The Dialectical Biologist
- Cover of the first edition
- Authors: Richard Levins Richard Lewontin
- Language: English
- Subject: Biology
- Publisher: Harvard University Press
- Publication date: 1985
- Publication place: United States
- Media type: Print (Hardcover and Paperback)
- Pages: 336
- ISBN: 978-0674202832

= The Dialectical Biologist =

1985 book on biological research

The Dialectical Biologist is a 1985 book by the ecologist Richard Levins and the biologist Richard Lewontin, in which the authors sketch a dialectical approach to biology. They see "dialectics" more as a set of questions to ask about biological research, a weapon against dogmatism, than as a set of pre-determined answers.

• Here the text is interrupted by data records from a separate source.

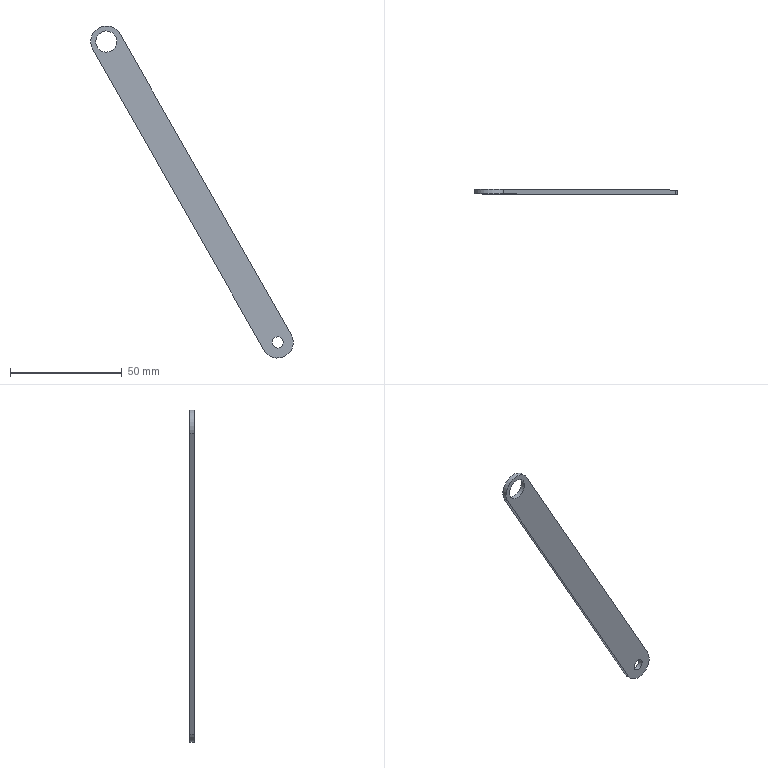Component | NX | 8 | 1 solid | 8 faces | box 90.7 x 2 x 148.69 mm | volume 4467 mm3 | cylinder 4 | plane 4 | commonest cylinder face diameters 14 x2 5 x1 9.5 x1
STEP:
#1=CARTESIAN_POINT('',(0.,0.,0.));
#2=DIRECTION('',(0.,0.,1.));
#3=DIRECTION('',(1.,0.,0.));
#4=AXIS2_PLACEMENT_3D('',#1,#2,#3);
#5=CARTESIAN_POINT('',(-289.091,186.249,-214.872));
#6=VERTEX_POINT('',#5);
#7=CARTESIAN_POINT('',(-276.925,186.249,-207.944));
#8=VERTEX_POINT('',#7);
#9=CARTESIAN_POINT('',(-283.008,186.249,-211.408));
#10=DIRECTION('',(0.,-1.,0.));
#11=DIRECTION('',(0.4948,0.,-0.869));
#12=AXIS2_PLACEMENT_3D('',#9,#10,#11);
#13=CIRCLE('',#12,7.);
#14=CARTESIAN_POINT('',(-283.008,184.249,-211.408));
#15=DIRECTION('',(0.,1.,0.));
#16=DIRECTION('',(0.4948,0.,-0.869));
#17=AXIS2_PLACEMENT_3D('',#14,#15,#16);
#18=CYLINDRICAL_SURFACE('',#17,7.);
#19=CARTESIAN_POINT('',(6.283,2.));
#20=DIRECTION('',(-1.,0.));
#21=VECTOR('',#20,1.);
#22=LINE('',#19,#21);
#23=(GEOMETRIC_REPRESENTATION_CONTEXT(2)PARAMETRIC_REPRESENTATION_CONTEXT()REPRESENTATION_CONTEXT('',''));
#24=DEFINITIONAL_REPRESENTATION('',(#22),#23);
#25=PCURVE('',#18,#24);
#26=CARTESIAN_POINT('',(-283.008,186.249,-211.408));
#27=DIRECTION('',(0.,-1.,0.));
#28=DIRECTION('',(-0.4948,0.,0.869));
#29=AXIS2_PLACEMENT_3D('',#26,#27,#28);
#30=PLANE('',#29);
#31=CARTESIAN_POINT('',(0.,0.));
#32=DIRECTION('',(-1.,0.));
#33=AXIS2_PLACEMENT_2D('',#31,#32);
#34=CIRCLE('',#33,7.);
#35=(GEOMETRIC_REPRESENTATION_CONTEXT(2)PARAMETRIC_REPRESENTATION_CONTEXT()REPRESENTATION_CONTEXT('',''));
#36=DEFINITIONAL_REPRESENTATION('',(#34),#35);
#37=PCURVE('',#30,#36);
#38=SURFACE_CURVE('',#13,(#25,#37),.PCURVE_S1.);
#39=EDGE_CURVE('',#6,#8,#38,.T.);
#40=ORIENTED_EDGE('',*,*,#39,.T.);
#41=CARTESIAN_POINT('',(-276.925,184.249,-207.944));
#42=VERTEX_POINT('',#41);
#43=CARTESIAN_POINT('',(-276.925,184.249,-207.944));
#44=DIRECTION('',(0.,1.,0.));
#45=VECTOR('',#44,1.);
#46=LINE('',#43,#45);
#47=CARTESIAN_POINT('',(-1.571,0.));
#48=DIRECTION('',(0.,1.));
#49=VECTOR('',#48,1.);
#50=LINE('',#47,#49);
#51=(GEOMETRIC_REPRESENTATION_CONTEXT(2)PARAMETRIC_REPRESENTATION_CONTEXT()REPRESENTATION_CONTEXT('',''));
#52=DEFINITIONAL_REPRESENTATION('',(#50),#51);
#53=PCURVE('',#18,#52);
#54=CARTESIAN_POINT('',(-276.925,184.249,-207.944));
#55=DIRECTION('',(-0.869,0.,-0.4948));
#56=DIRECTION('',(0.,-1.,0.));
#57=AXIS2_PLACEMENT_3D('',#54,#55,#56);
#58=PLANE('',#57);
#59=CARTESIAN_POINT('',(0.,-0.));
#60=DIRECTION('',(-1.,0.));
#61=VECTOR('',#60,1.);
#62=LINE('',#59,#61);
#63=(GEOMETRIC_REPRESENTATION_CONTEXT(2)PARAMETRIC_REPRESENTATION_CONTEXT()REPRESENTATION_CONTEXT('',''));
#64=DEFINITIONAL_REPRESENTATION('',(#62),#63);
#65=PCURVE('',#58,#64);
#66=SURFACE_CURVE('',#46,(#53,#65),.PCURVE_S1.);
#67=EDGE_CURVE('',#42,#8,#66,.T.);
#68=ORIENTED_EDGE('',*,*,#67,.F.);
#69=CARTESIAN_POINT('',(-289.091,184.249,-214.872));
#70=VERTEX_POINT('',#69);
#71=CARTESIAN_POINT('',(-283.008,184.249,-211.408));
#72=DIRECTION('',(0.,-1.,0.));
#73=DIRECTION('',(0.4948,0.,-0.869));
#74=AXIS2_PLACEMENT_3D('',#71,#72,#73);
#75=CIRCLE('',#74,7.);
#76=CARTESIAN_POINT('',(6.283,0.));
#77=DIRECTION('',(-1.,0.));
#78=VECTOR('',#77,1.);
#79=LINE('',#76,#78);
#80=(GEOMETRIC_REPRESENTATION_CONTEXT(2)PARAMETRIC_REPRESENTATION_CONTEXT()REPRESENTATION_CONTEXT('',''));
#81=DEFINITIONAL_REPRESENTATION('',(#79),#80);
#82=PCURVE('',#18,#81);
#83=CARTESIAN_POINT('',(-283.008,184.249,-211.408));
#84=DIRECTION('',(0.,-1.,0.));
#85=DIRECTION('',(-0.4948,0.,0.869));
#86=AXIS2_PLACEMENT_3D('',#83,#84,#85);
#87=PLANE('',#86);
#88=CARTESIAN_POINT('',(0.,0.));
#89=DIRECTION('',(-1.,0.));
#90=AXIS2_PLACEMENT_2D('',#88,#89);
#91=CIRCLE('',#90,7.);
#92=(GEOMETRIC_REPRESENTATION_CONTEXT(2)PARAMETRIC_REPRESENTATION_CONTEXT()REPRESENTATION_CONTEXT('',''));
#93=DEFINITIONAL_REPRESENTATION('',(#91),#92);
#94=PCURVE('',#87,#93);
#95=SURFACE_CURVE('',#75,(#82,#94),.PCURVE_S1.);
#96=EDGE_CURVE('',#70,#42,#95,.T.);
#97=ORIENTED_EDGE('',*,*,#96,.F.);
#98=CARTESIAN_POINT('',(-289.091,184.249,-214.872));
#99=DIRECTION('',(0.,1.,0.));
#100=VECTOR('',#99,1.);
#101=LINE('',#98,#100);
#102=CARTESIAN_POINT('',(1.571,0.));
#103=DIRECTION('',(0.,1.));
#104=VECTOR('',#103,1.);
#105=LINE('',#102,#104);
#106=(GEOMETRIC_REPRESENTATION_CONTEXT(2)PARAMETRIC_REPRESENTATION_CONTEXT()REPRESENTATION_CONTEXT('',''));
#107=DEFINITIONAL_REPRESENTATION('',(#105),#106);
#108=PCURVE('',#18,#107);
#109=CARTESIAN_POINT('',(-365.788,184.249,-80.178));
#110=DIRECTION('',(0.869,0.,0.4948));
#111=DIRECTION('',(0.,1.,0.));
#112=AXIS2_PLACEMENT_3D('',#109,#110,#111);
#113=PLANE('',#112);
#114=CARTESIAN_POINT('',(0.,-155.));
#115=DIRECTION('',(1.,0.));
#116=VECTOR('',#115,1.);
#117=LINE('',#114,#116);
#118=(GEOMETRIC_REPRESENTATION_CONTEXT(2)PARAMETRIC_REPRESENTATION_CONTEXT()REPRESENTATION_CONTEXT('',''));
#119=DEFINITIONAL_REPRESENTATION('',(#117),#118);
#120=PCURVE('',#113,#119);
#121=SURFACE_CURVE('',#101,(#108,#120),.PCURVE_S1.);
#122=EDGE_CURVE('',#70,#6,#121,.T.);
#123=ORIENTED_EDGE('',*,*,#122,.T.);
#124=EDGE_LOOP('',(#40,#68,#97,#123));
#125=FACE_BOUND('',#124,.T.);
#126=ADVANCED_FACE('',(#125),#18,.T.);
#127=CARTESIAN_POINT('',(-353.622,186.249,-73.25));
#128=VERTEX_POINT('',#127);
#129=CARTESIAN_POINT('',(-276.925,186.249,-207.944));
#130=DIRECTION('',(-0.4948,0.,0.869));
#131=VECTOR('',#130,1.);
#132=LINE('',#129,#131);
#133=CARTESIAN_POINT('',(-2.,0.));
#134=DIRECTION('',(0.,1.));
#135=VECTOR('',#134,1.);
#136=LINE('',#133,#135);
#137=(GEOMETRIC_REPRESENTATION_CONTEXT(2)PARAMETRIC_REPRESENTATION_CONTEXT()REPRESENTATION_CONTEXT('',''));
#138=DEFINITIONAL_REPRESENTATION('',(#136),#137);
#139=PCURVE('',#58,#138);
#140=CARTESIAN_POINT('',(0.,-7.));
#141=DIRECTION('',(1.,0.));
#142=VECTOR('',#141,1.);
#143=LINE('',#140,#142);
#144=(GEOMETRIC_REPRESENTATION_CONTEXT(2)PARAMETRIC_REPRESENTATION_CONTEXT()REPRESENTATION_CONTEXT('',''));
#145=DEFINITIONAL_REPRESENTATION('',(#143),#144);
#146=PCURVE('',#30,#145);
#147=SURFACE_CURVE('',#132,(#139,#146),.PCURVE_S1.);
#148=EDGE_CURVE('',#8,#128,#147,.T.);
#149=ORIENTED_EDGE('',*,*,#148,.T.);
#150=CARTESIAN_POINT('',(-353.622,184.249,-73.25));
#151=VERTEX_POINT('',#150);
#152=CARTESIAN_POINT('',(-353.622,184.249,-73.25));
#153=DIRECTION('',(0.,1.,0.));
#154=VECTOR('',#153,1.);
#155=LINE('',#152,#154);
#156=CARTESIAN_POINT('',(0.,155.));
#157=DIRECTION('',(-1.,0.));
#158=VECTOR('',#157,1.);
#159=LINE('',#156,#158);
#160=(GEOMETRIC_REPRESENTATION_CONTEXT(2)PARAMETRIC_REPRESENTATION_CONTEXT()REPRESENTATION_CONTEXT('',''));
#161=DEFINITIONAL_REPRESENTATION('',(#159),#160);
#162=PCURVE('',#58,#161);
#163=CARTESIAN_POINT('',(-359.705,184.249,-76.714));
#164=DIRECTION('',(0.,1.,0.));
#165=DIRECTION('',(0.4948,0.,-0.869));
#166=AXIS2_PLACEMENT_3D('',#163,#164,#165);
#167=CYLINDRICAL_SURFACE('',#166,7.);
#168=CARTESIAN_POINT('',(4.712,0.));
#169=DIRECTION('',(0.,1.));
#170=VECTOR('',#169,1.);
#171=LINE('',#168,#170);
#172=(GEOMETRIC_REPRESENTATION_CONTEXT(2)PARAMETRIC_REPRESENTATION_CONTEXT()REPRESENTATION_CONTEXT('',''));
#173=DEFINITIONAL_REPRESENTATION('',(#171),#172);
#174=PCURVE('',#167,#173);
#175=SURFACE_CURVE('',#155,(#162,#174),.PCURVE_S1.);
#176=EDGE_CURVE('',#151,#128,#175,.T.);
#177=ORIENTED_EDGE('',*,*,#176,.F.);
#178=CARTESIAN_POINT('',(-276.925,184.249,-207.944));
#179=DIRECTION('',(-0.4948,0.,0.869));
#180=VECTOR('',#179,1.);
#181=LINE('',#178,#180);
#182=CARTESIAN_POINT('',(0.,0.));
#183=DIRECTION('',(0.,1.));
#184=VECTOR('',#183,1.);
#185=LINE('',#182,#184);
#186=(GEOMETRIC_REPRESENTATION_CONTEXT(2)PARAMETRIC_REPRESENTATION_CONTEXT()REPRESENTATION_CONTEXT('',''));
#187=DEFINITIONAL_REPRESENTATION('',(#185),#186);
#188=PCURVE('',#58,#187);
#189=CARTESIAN_POINT('',(0.,-7.));
#190=DIRECTION('',(1.,0.));
#191=VECTOR('',#190,1.);
#192=LINE('',#189,#191);
#193=(GEOMETRIC_REPRESENTATION_CONTEXT(2)PARAMETRIC_REPRESENTATION_CONTEXT()REPRESENTATION_CONTEXT('',''));
#194=DEFINITIONAL_REPRESENTATION('',(#192),#193);
#195=PCURVE('',#87,#194);
#196=SURFACE_CURVE('',#181,(#188,#195),.PCURVE_S1.);
#197=EDGE_CURVE('',#42,#151,#196,.T.);
#198=ORIENTED_EDGE('',*,*,#197,.F.);
#199=ORIENTED_EDGE('',*,*,#67,.T.);
#200=EDGE_LOOP('',(#149,#177,#198,#199));
#201=FACE_BOUND('',#200,.T.);
#202=ADVANCED_FACE('',(#201),#58,.F.);
#203=CARTESIAN_POINT('',(-365.788,186.249,-80.178));
#204=VERTEX_POINT('',#203);
#205=CARTESIAN_POINT('',(-359.705,186.249,-76.714));
#206=DIRECTION('',(0.,-1.,0.));
#207=DIRECTION('',(0.4948,0.,-0.869));
#208=AXIS2_PLACEMENT_3D('',#205,#206,#207);
#209=CIRCLE('',#208,7.);
#210=CARTESIAN_POINT('',(6.283,2.));
#211=DIRECTION('',(-1.,0.));
#212=VECTOR('',#211,1.);
#213=LINE('',#210,#212);
#214=(GEOMETRIC_REPRESENTATION_CONTEXT(2)PARAMETRIC_REPRESENTATION_CONTEXT()REPRESENTATION_CONTEXT('',''));
#215=DEFINITIONAL_REPRESENTATION('',(#213),#214);
#216=PCURVE('',#167,#215);
#217=CARTESIAN_POINT('',(155.,0.));
#218=DIRECTION('',(-1.,-0.));
#219=AXIS2_PLACEMENT_2D('',#217,#218);
#220=CIRCLE('',#219,7.);
#221=(GEOMETRIC_REPRESENTATION_CONTEXT(2)PARAMETRIC_REPRESENTATION_CONTEXT()REPRESENTATION_CONTEXT('',''));
#222=DEFINITIONAL_REPRESENTATION('',(#220),#221);
#223=PCURVE('',#30,#222);
#224=SURFACE_CURVE('',#209,(#216,#223),.PCURVE_S1.);
#225=EDGE_CURVE('',#128,#204,#224,.T.);
#226=ORIENTED_EDGE('',*,*,#225,.T.);
#227=CARTESIAN_POINT('',(-365.788,184.249,-80.178));
#228=VERTEX_POINT('',#227);
#229=CARTESIAN_POINT('',(-365.788,184.249,-80.178));
#230=DIRECTION('',(0.,1.,0.));
#231=VECTOR('',#230,1.);
#232=LINE('',#229,#231);
#233=CARTESIAN_POINT('',(1.571,0.));
#234=DIRECTION('',(0.,1.));
#235=VECTOR('',#234,1.);
#236=LINE('',#233,#235);
#237=(GEOMETRIC_REPRESENTATION_CONTEXT(2)PARAMETRIC_REPRESENTATION_CONTEXT()REPRESENTATION_CONTEXT('',''));
#238=DEFINITIONAL_REPRESENTATION('',(#236),#237);
#239=PCURVE('',#167,#238);
#240=CARTESIAN_POINT('',(0.,0.));
#241=DIRECTION('',(1.,0.));
#242=VECTOR('',#241,1.);
#243=LINE('',#240,#242);
#244=(GEOMETRIC_REPRESENTATION_CONTEXT(2)PARAMETRIC_REPRESENTATION_CONTEXT()REPRESENTATION_CONTEXT('',''));
#245=DEFINITIONAL_REPRESENTATION('',(#243),#244);
#246=PCURVE('',#113,#245);
#247=SURFACE_CURVE('',#232,(#239,#246),.PCURVE_S1.);
#248=EDGE_CURVE('',#228,#204,#247,.T.);
#249=ORIENTED_EDGE('',*,*,#248,.F.);
#250=CARTESIAN_POINT('',(-359.705,184.249,-76.714));
#251=DIRECTION('',(0.,-1.,0.));
#252=DIRECTION('',(0.4948,0.,-0.869));
#253=AXIS2_PLACEMENT_3D('',#250,#251,#252);
#254=CIRCLE('',#253,7.);
#255=CARTESIAN_POINT('',(6.283,0.));
#256=DIRECTION('',(-1.,0.));
#257=VECTOR('',#256,1.);
#258=LINE('',#255,#257);
#259=(GEOMETRIC_REPRESENTATION_CONTEXT(2)PARAMETRIC_REPRESENTATION_CONTEXT()REPRESENTATION_CONTEXT('',''));
#260=DEFINITIONAL_REPRESENTATION('',(#258),#259);
#261=PCURVE('',#167,#260);
#262=CARTESIAN_POINT('',(155.,0.));
#263=DIRECTION('',(-1.,-0.));
#264=AXIS2_PLACEMENT_2D('',#262,#263);
#265=CIRCLE('',#264,7.);
#266=(GEOMETRIC_REPRESENTATION_CONTEXT(2)PARAMETRIC_REPRESENTATION_CONTEXT()REPRESENTATION_CONTEXT('',''));
#267=DEFINITIONAL_REPRESENTATION('',(#265),#266);
#268=PCURVE('',#87,#267);
#269=SURFACE_CURVE('',#254,(#261,#268),.PCURVE_S1.);
#270=EDGE_CURVE('',#151,#228,#269,.T.);
#271=ORIENTED_EDGE('',*,*,#270,.F.);
#272=ORIENTED_EDGE('',*,*,#176,.T.);
#273=EDGE_LOOP('',(#226,#249,#271,#272));
#274=FACE_BOUND('',#273,.T.);
#275=ADVANCED_FACE('',(#274),#167,.T.);
#276=CARTESIAN_POINT('',(-284.245,184.249,-209.236));
#277=VERTEX_POINT('',#276);
#278=CARTESIAN_POINT('',(-283.008,184.249,-211.408));
#279=DIRECTION('',(0.,-1.,0.));
#280=DIRECTION('',(-0.4948,0.,0.869));
#281=AXIS2_PLACEMENT_3D('',#278,#279,#280);
#282=CIRCLE('',#281,2.5);
#283=CARTESIAN_POINT('',(-283.008,184.249,-211.408));
#284=DIRECTION('',(0.,1.,0.));
#285=DIRECTION('',(0.4948,0.,-0.869));
#286=AXIS2_PLACEMENT_3D('',#283,#284,#285);
#287=CYLINDRICAL_SURFACE('',#286,2.5);
#288=CARTESIAN_POINT('',(9.425,0.));
#289=DIRECTION('',(-1.,0.));
#290=VECTOR('',#289,1.);
#291=LINE('',#288,#290);
#292=(GEOMETRIC_REPRESENTATION_CONTEXT(2)PARAMETRIC_REPRESENTATION_CONTEXT()REPRESENTATION_CONTEXT('',''));
#293=DEFINITIONAL_REPRESENTATION('',(#291),#292);
#294=PCURVE('',#287,#293);
#295=CARTESIAN_POINT('',(0.,0.));
#296=DIRECTION('',(1.,0.));
#297=AXIS2_PLACEMENT_2D('',#295,#296);
#298=CIRCLE('',#297,2.5);
#299=(GEOMETRIC_REPRESENTATION_CONTEXT(2)PARAMETRIC_REPRESENTATION_CONTEXT()REPRESENTATION_CONTEXT('',''));
#300=DEFINITIONAL_REPRESENTATION('',(#298),#299);
#301=PCURVE('',#87,#300);
#302=SURFACE_CURVE('',#282,(#294,#301),.PCURVE_S1.);
#303=EDGE_CURVE('',#277,#277,#302,.T.);
#304=ORIENTED_EDGE('',*,*,#303,.F.);
#305=CARTESIAN_POINT('',(-284.245,186.249,-209.236));
#306=VERTEX_POINT('',#305);
#307=CARTESIAN_POINT('',(-284.245,184.249,-209.236));
#308=CARTESIAN_POINT('',(-284.245,186.249,-209.236));
#309=B_SPLINE_CURVE_WITH_KNOTS('',1,(#307,#308),.UNSPECIFIED.,.F.,.F.,(2,2),(0.,2.),.PIECEWISE_BEZIER_KNOTS.);
#310=CARTESIAN_POINT('',(9.425,0.));
#311=DIRECTION('',(0.,1.));
#312=VECTOR('',#311,1.);
#313=LINE('',#310,#312);
#314=(GEOMETRIC_REPRESENTATION_CONTEXT(2)PARAMETRIC_REPRESENTATION_CONTEXT()REPRESENTATION_CONTEXT('',''));
#315=DEFINITIONAL_REPRESENTATION('',(#313),#314);
#316=PCURVE('',#287,#315);
#317=CARTESIAN_POINT('',(3.142,0.));
#318=DIRECTION('',(0.,1.));
#319=VECTOR('',#318,1.);
#320=LINE('',#317,#319);
#321=(GEOMETRIC_REPRESENTATION_CONTEXT(2)PARAMETRIC_REPRESENTATION_CONTEXT()REPRESENTATION_CONTEXT('',''));
#322=DEFINITIONAL_REPRESENTATION('',(#320),#321);
#323=PCURVE('',#287,#322);
#324=SEAM_CURVE('',#309,(#316,#323),.PCURVE_S1.);
#325=EDGE_CURVE('',#277,#306,#324,.T.);
#326=ORIENTED_EDGE('',*,*,#325,.T.);
#327=CARTESIAN_POINT('',(-283.008,186.249,-211.408));
#328=DIRECTION('',(0.,-1.,0.));
#329=DIRECTION('',(-0.4948,0.,0.869));
#330=AXIS2_PLACEMENT_3D('',#327,#328,#329);
#331=CIRCLE('',#330,2.5);
#332=CARTESIAN_POINT('',(9.425,2.));
#333=DIRECTION('',(-1.,0.));
#334=VECTOR('',#333,1.);
#335=LINE('',#332,#334);
#336=(GEOMETRIC_REPRESENTATION_CONTEXT(2)PARAMETRIC_REPRESENTATION_CONTEXT()REPRESENTATION_CONTEXT('',''));
#337=DEFINITIONAL_REPRESENTATION('',(#335),#336);
#338=PCURVE('',#287,#337);
#339=CARTESIAN_POINT('',(0.,0.));
#340=DIRECTION('',(1.,0.));
#341=AXIS2_PLACEMENT_2D('',#339,#340);
#342=CIRCLE('',#341,2.5);
#343=(GEOMETRIC_REPRESENTATION_CONTEXT(2)PARAMETRIC_REPRESENTATION_CONTEXT()REPRESENTATION_CONTEXT('',''));
#344=DEFINITIONAL_REPRESENTATION('',(#342),#343);
#345=PCURVE('',#30,#344);
#346=SURFACE_CURVE('',#331,(#338,#345),.PCURVE_S1.);
#347=EDGE_CURVE('',#306,#306,#346,.T.);
#348=ORIENTED_EDGE('',*,*,#347,.T.);
#349=ORIENTED_EDGE('',*,*,#325,.F.);
#350=EDGE_LOOP('',(#304,#326,#348,#349));
#351=FACE_BOUND('',#350,.F.);
#352=ADVANCED_FACE('',(#351),#287,.F.);
#353=CARTESIAN_POINT('',(-365.788,186.249,-80.178));
#354=DIRECTION('',(0.4948,0.,-0.869));
#355=VECTOR('',#354,1.);
#356=LINE('',#353,#355);
#357=CARTESIAN_POINT('',(2.,0.));
#358=DIRECTION('',(0.,-1.));
#359=VECTOR('',#358,1.);
#360=LINE('',#357,#359);
#361=(GEOMETRIC_REPRESENTATION_CONTEXT(2)PARAMETRIC_REPRESENTATION_CONTEXT()REPRESENTATION_CONTEXT('',''));
#362=DEFINITIONAL_REPRESENTATION('',(#360),#361);
#363=PCURVE('',#113,#362);
#364=CARTESIAN_POINT('',(155.,7.));
#365=DIRECTION('',(-1.,0.));
#366=VECTOR('',#365,1.);
#367=LINE('',#364,#366);
#368=(GEOMETRIC_REPRESENTATION_CONTEXT(2)PARAMETRIC_REPRESENTATION_CONTEXT()REPRESENTATION_CONTEXT('',''));
#369=DEFINITIONAL_REPRESENTATION('',(#367),#368);
#370=PCURVE('',#30,#369);
#371=SURFACE_CURVE('',#356,(#363,#370),.PCURVE_S1.);
#372=EDGE_CURVE('',#204,#6,#371,.T.);
#373=ORIENTED_EDGE('',*,*,#372,.T.);
#374=ORIENTED_EDGE('',*,*,#122,.F.);
#375=CARTESIAN_POINT('',(-365.788,184.249,-80.178));
#376=DIRECTION('',(0.4948,0.,-0.869));
#377=VECTOR('',#376,1.);
#378=LINE('',#375,#377);
#379=CARTESIAN_POINT('',(0.,0.));
#380=DIRECTION('',(0.,-1.));
#381=VECTOR('',#380,1.);
#382=LINE('',#379,#381);
#383=(GEOMETRIC_REPRESENTATION_CONTEXT(2)PARAMETRIC_REPRESENTATION_CONTEXT()REPRESENTATION_CONTEXT('',''));
#384=DEFINITIONAL_REPRESENTATION('',(#382),#383);
#385=PCURVE('',#113,#384);
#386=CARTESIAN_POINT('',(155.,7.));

They focus on the (dialectical) relationship between the "whole" (or totality) and the "parts." "Part makes whole, and whole makes part". That is, a biological system of some kind consists of a collection of heterogeneous parts. All of these contribute to the character of the whole, as in reductionist thinking. On the other hand, the whole has a nature of its own and feeds back to affect and determine the nature of the parts. This back-and-forth (dialectic) of causation implies a dynamic process.

For example, Darwinian evolution points to the competition of a variety of species, each with heterogeneous members, within a given environment. This leads to changing species and even to new species arising. A dialectical biologist fully accepts this picture then looks for ways in which the competing creatures (which serve as the internal conflicts in the environment) lead to changes. The changes manifest in the creatures themselves, through the creatures embracing biological adaptations that provide them with advantages, and in the environment itself, as when the action of microbes encourages the erosion of rocks. Further, each species is part of the "environment" of all the others.